Prof Stephen Evans, Professor of Pharmacoepidemiology, London School of Hygiene & Tropical Medicine, said:

“This is a carefully conducted study, and as the authors say, the results should be regarded as preliminary.  This is in spite of other studies that suggest this could be a causal effect, the previous study [ref 13 Callreus et al] of this question did show an increase in risk of suicide for ARBs, but it was based on only 5 cases and there was considerable uncertainty in the estimates for the drugs that were compared.

“The paper itself suggests a number of factors that seem to be more strongly associated with suicide (including previous self-harm, alcohol abuse, anxiety or sleep disorders, psychoses, agitation, and related disorders, affective disorder, other mental health conditions, and even kidney and liver disease), and those with these risk factors, especially multiple ones, should be monitored closely since they may be markers for risk of suicide.  Any additional effect of an anti-hypertensive drug is likely to be relatively small.  It is important to know the distribution of these risks factors between the exposed and unexposed, as it could be that a small numbers of cases exposed to ARBs drive the overall findings.  It’s possible the supplemental information has this, but it isn’t available to me.
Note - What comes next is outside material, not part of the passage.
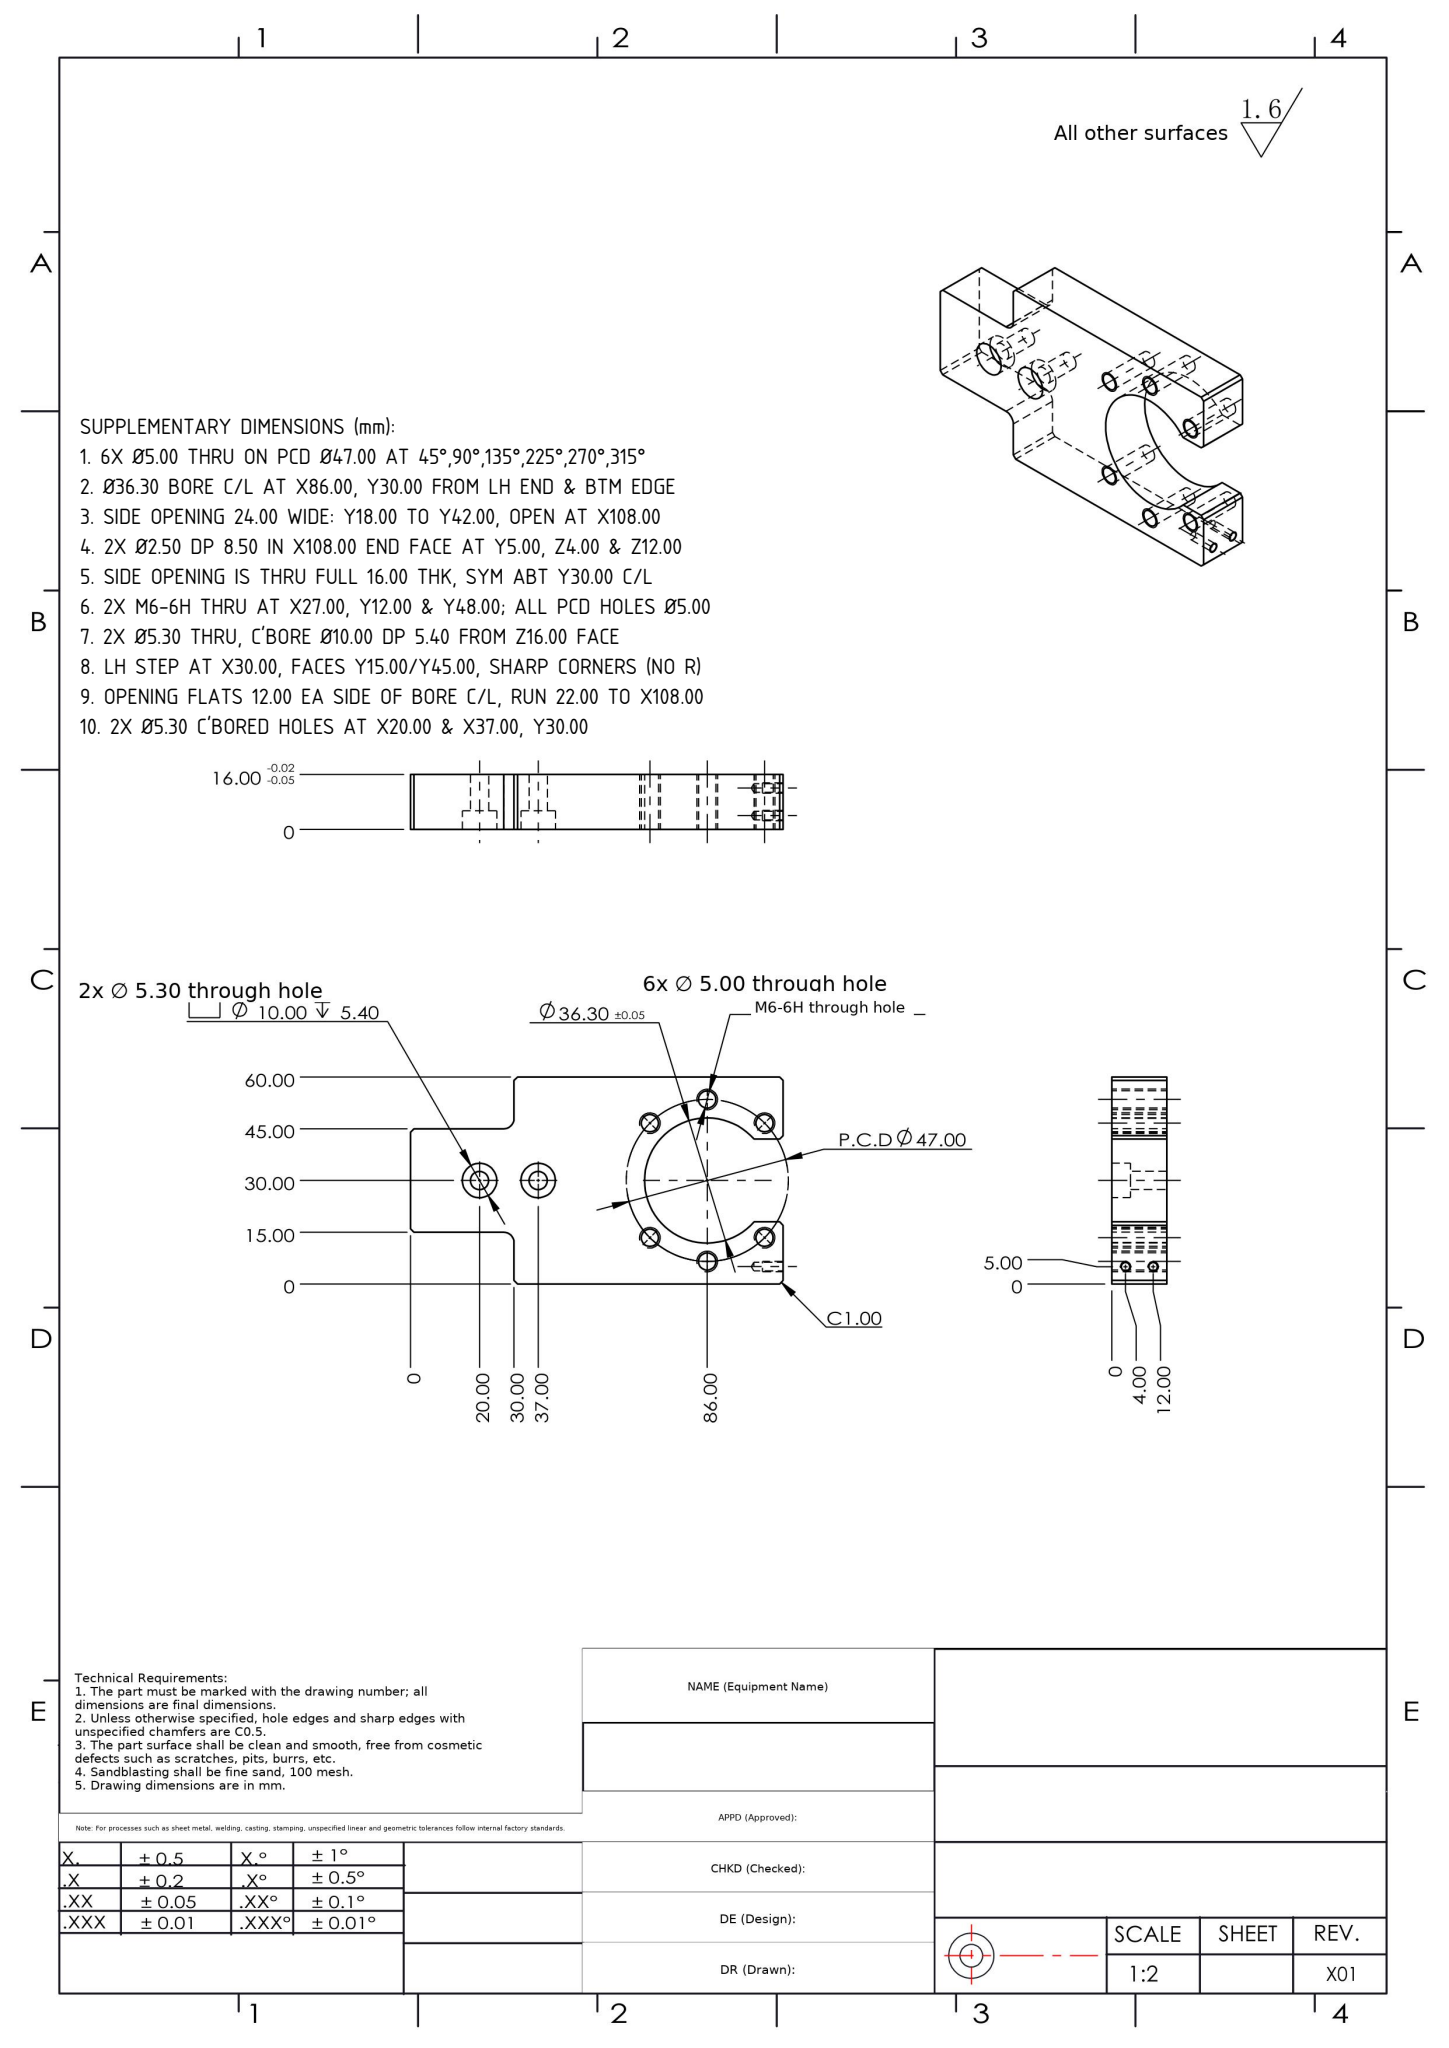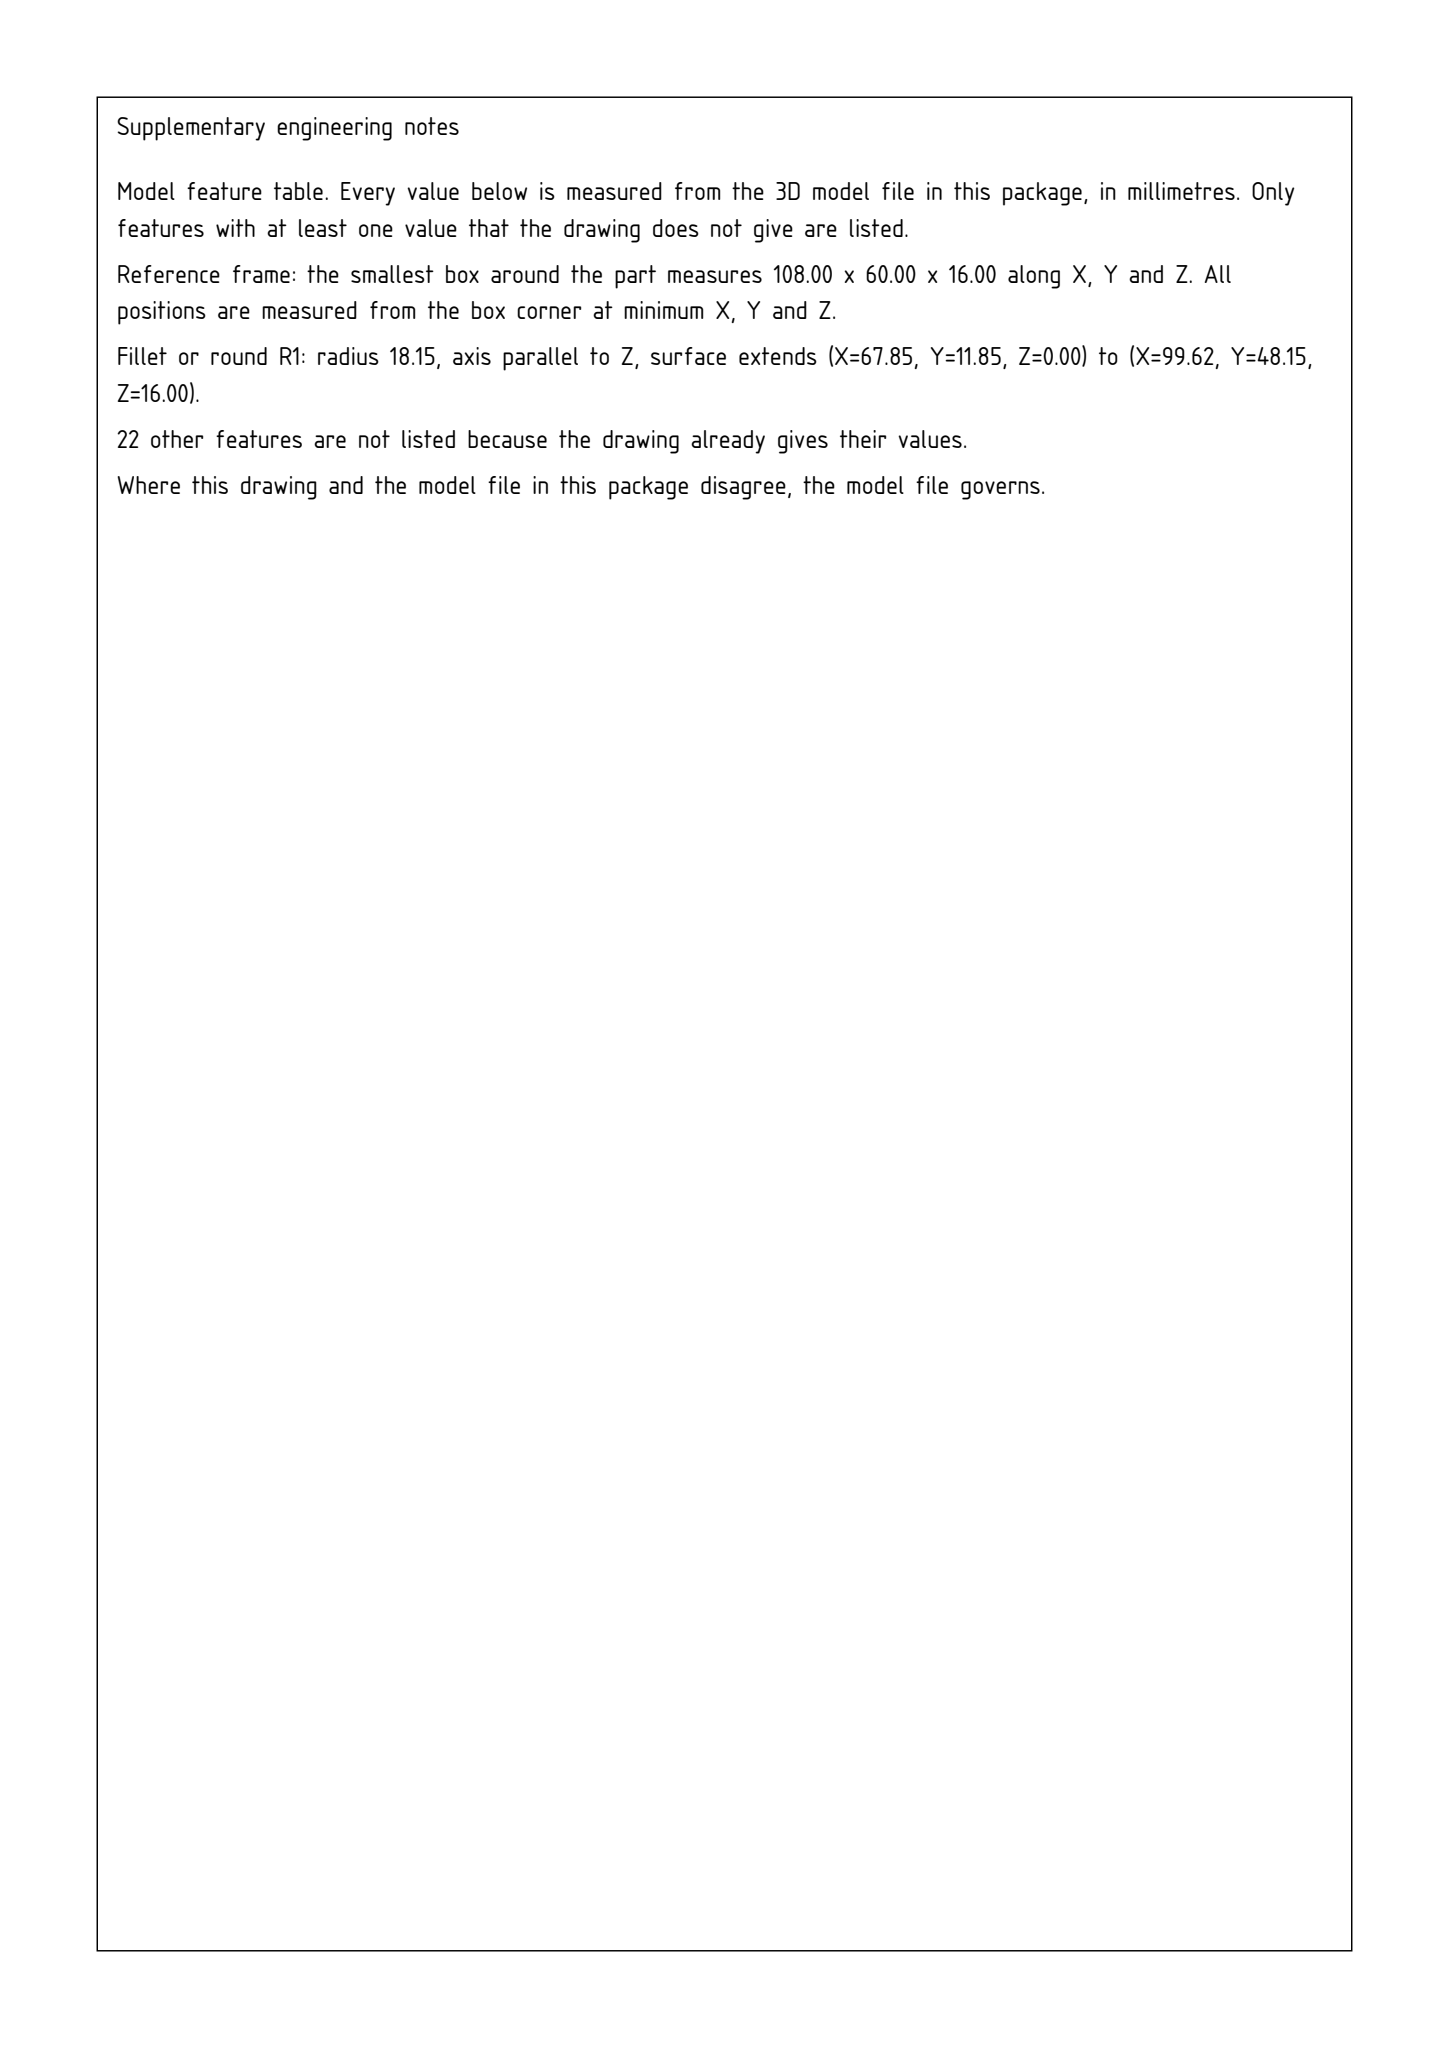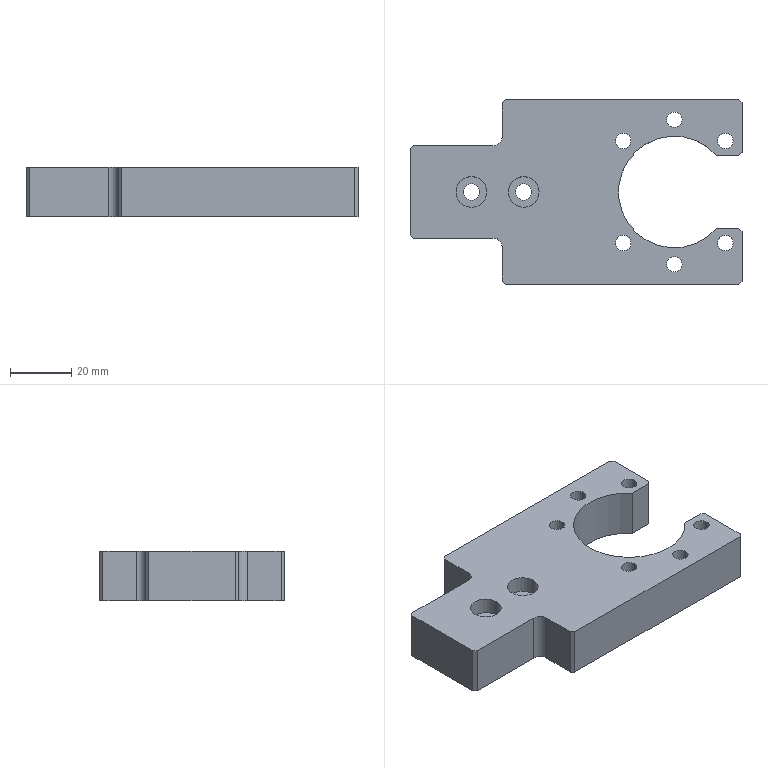Part | SolidWorks | mm | 1 solid | 54 faces | box 108 x 60 x 16 mm | volume 67406 mm3 | cylinder 27 | plane 23 | cone 4 | commonest cylinder face diameters 5 x12 2.5 x4 10 x4 5.3 x4 6 x2 36.3 x1

“The authors do not seem to discuss the absolute risks, and the data from this case-control study itself are not able to estimate the absolute risks directly.  However, the data available to them could do this, and it falls short of good and responsible risk communication to fail to bring into the discussion some estimate of absolute risk.  Suicide may not be that common in this age group, and so the absolute risk (not given by the authors) may be quite low.  Patients should not change their treatment based on these findings.

“There is an obvious misprint in the results: they say “antipsychotics (11.7%vs 31.%; standardized difference, 0.34)”, but it is a misprint – it should be 11.7% vs 3.1%.  It doesn’t affect the interpretation.”

 

Prof Sir Munir Pirmohamed, David Weatherall Chair of Medicine and NHS Chair of Pharmacogenetics, and Director of the MRC Centre for Drug Safety Science and Wolfson Centre for Personalised Medicine, University of Liverpool, said:

“The authors have shown that angiotensin receptor blockers, drugs widely used for the treatment of hypertension and other cardiovascular disorders, may be associated with a higher risk of suicide, compared with angiotensin converting enzyme inhibitors, which are also used for the treatment of hypertension.  The study was undertaken using a Canadian claims database.

“Their findings which show an association (but are not necessarily causative) are interesting, but have to be treated with caution.  As the authors themselves point out, there are many limitations to their approach.  A critical issue is the inability to control for all confounding factors.  There is also no clear mechanistic explanation for the association and the authors were unable to look at individual angiotensin receptor blockers, and instead have analysed them as a single class of drugs.  If correct, then this would be an important adverse reaction given the widespread use of these drugs – however, much more work needs to be undertaken, a critical aspect of which will be to replicate the findings in other datasets.”

 

‘Association Between Angiotensin-Converting Enzyme Inhibitors, Angiotensin Receptor Blockers, and Suicide’ by Muhammad Mamdani et al. was published in JAMA Network Open at 16:00 UK time on Wednesday 16 October 2019. 

DOI: 10.1001/jamanetworkopen.2019.13304

 

Declared interests

Prof Stephen Evans: “The only conflict of interest I have is that I currently take an ARB and have taken an ACEI.”

Prof Sir Munir Pirmohamed: “I do not have any conflicts of interest.”